The team became aware of a program at Contra Costa Health Centers in Martinez, CA, in which the ambulatory care system stopped making any follow-up appointments and decreased its fail rate by 50%. As part of its "Patients' Choice" program, highlighted in the winter 1997 issue of Ambulatory Outreach magazine, Contra Costa changed its family practice profile from one with 89% pre-booked and 11% same/next day appointments to a profile with 40% pre-booked and 60% same/next day appointments.
Patients are given written instructions on how to call and make a same/next day appointment, and there are a few pre-booked appointments available for particularly vulnerable patients the provider is concerned about, the article points out.

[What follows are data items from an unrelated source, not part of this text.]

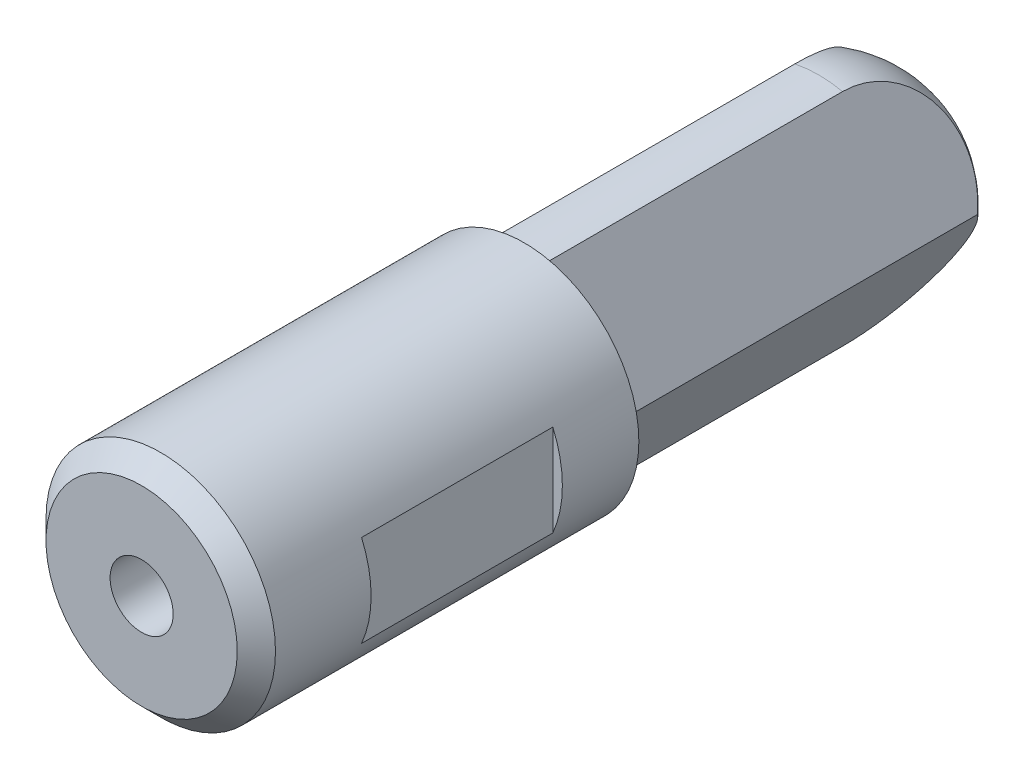
from build123d import *

# Parameters (mm, degrees)
SKETCH1_R               = 5.9
BOSS_EXTRUDE1_DEPTH     = 35.4
M4_TAPPED_HOLE1_D       = 3.3
M4_TAPPED_HOLE1_DEPTH   = 10.1
M4_TAPPED_HOLE1_TIP     = 0.991420021
SKETCH5_R               = 6
SKETCH5_R_2             = 4
BOSS_EXTRUDE2_DEPTH     = 20
CHAMFER1_SIZE           = 1
CUT_EXTRUDE1_DEPTH      = 37.402747149
CUT_EXTRUDE1_DEPTH_BACK = 37.402747149
SKETCH6_W               = 2.026292368
SKETCH6_H               = 10
SKETCH7_OUTSIDE_W       = 22.93
SKETCH7_OUTSIDE_H       = 22.93
CUT_EXTRUDE2_DEPTH      = 23.927930565


with BuildPart() as part:
    # Sketch1 → Boss-Extrude1 (new body)
    with BuildSketch(Plane.XY):
        Circle(SKETCH1_R)
    extrude(amount=BOSS_EXTRUDE1_DEPTH)

    # Sketch2 → Revolve1 (revolve)
    with BuildSketch(Plane(origin=(0, 0, 0), x_dir=(1, 0, 0), z_dir=(0, 1, 0))):
        with BuildLine():
            Line((0, 5.9), (0, 0))
            Line((0, 0), (-5.9, 0))
            ThreePointArc((-5.9, 0), (-4.171930009, 4.171930009), (0, 5.9))
        make_face()
    revolve(axis=Axis((0, 0, -5.9), (0, 0, 1)))

    # M4 Tapped Hole1
    with Locations(Plane.XY.offset(35.4)):
        with Locations((0, 0)):
            Hole(M4_TAPPED_HOLE1_D / 2, depth=M4_TAPPED_HOLE1_DEPTH)
            with Locations((0, 0, -(M4_TAPPED_HOLE1_DEPTH + M4_TAPPED_HOLE1_TIP / 2))):  # 118° drill point
                Cone(0, M4_TAPPED_HOLE1_D / 2, M4_TAPPED_HOLE1_TIP, mode=Mode.SUBTRACT)

    # Sketch5 → Boss-Extrude2 (add)
    with BuildSketch(Plane.XY.offset(35.4)):
        Circle(SKETCH5_R)
        Circle(SKETCH5_R_2, mode=Mode.SUBTRACT)
    extrude(amount=-BOSS_EXTRUDE2_DEPTH)

    # Chamfer1
    chamfer1_edges = [part.edges().sort_by_distance(p)[0] for p in [
        (-6, 0, 35.4),
    ]]
    chamfer(chamfer1_edges, length=CHAMFER1_SIZE)

    # Sketch6 → Cut-Extrude1 (cut, two sides: drawn at the far end of the back side and taken through both)
    with BuildSketch(Plane(origin=(0, 0, 0), x_dir=(1, 0, 0), z_dir=(0, 1, 0)).offset(-CUT_EXTRUDE1_DEPTH_BACK)):
        with Locations((-6.513146184, -24.4)):
            Rectangle(SKETCH6_W, SKETCH6_H)
        with Locations((6.513146184, -24.4)):
            Rectangle(SKETCH6_W, SKETCH6_H)
    extrude(amount=CUT_EXTRUDE1_DEPTH + CUT_EXTRUDE1_DEPTH_BACK, mode=Mode.SUBTRACT)

    # Sketch7 outside → Cut-Extrude2 (cut, through all)
    with BuildSketch(Plane(origin=(0, 0, 15.4), x_dir=(-1, 0, 0), z_dir=(0, 0, -1))):
        Rectangle(SKETCH7_OUTSIDE_W, SKETCH7_OUTSIDE_H)
        with BuildLine():
            Line((-1.25, 5.766064516), (-4.5790389, 0))
            Line((-4.5790389, 0), (-1.25, -5.766064516))
            ThreePointArc((-1.25, -5.766064516), (0, -5.9), (1.25, -5.766064516))
            Line((1.25, -5.766064516), (4.5790389, 0))
            Line((4.5790389, 0), (1.25, 5.766064516))
            ThreePointArc((1.25, 5.766064516), (0, 5.9), (-1.25, 5.766064516))
        make_face(mode=Mode.SUBTRACT)
    extrude(amount=CUT_EXTRUDE2_DEPTH, mode=Mode.SUBTRACT)


solid = part.part

One of the differences between that health care organization and her own, Young says, is that all personnel at Contra Costa - including physicians - work under the same administrative umbrella, and one of the physicians leads the redesign effort. Another unusual factor is that Contra Costa's physicians belong to a union.
"Our clinics report up [through the hospital's chain of command], but our physicians are privately owned, so the institution doesn't have a lot of control over them," she says.
The team is hopeful, Young says, because the physician who is the medical director of quality management is interested in the Contra Costa proposal. This two-part remedy - short-notice clinics and the elimination of marginal appointments - would significantly improve the appointment fail rate, team members believe.
"If physicians choose to jump on this," she says, "it's the one thing that could work."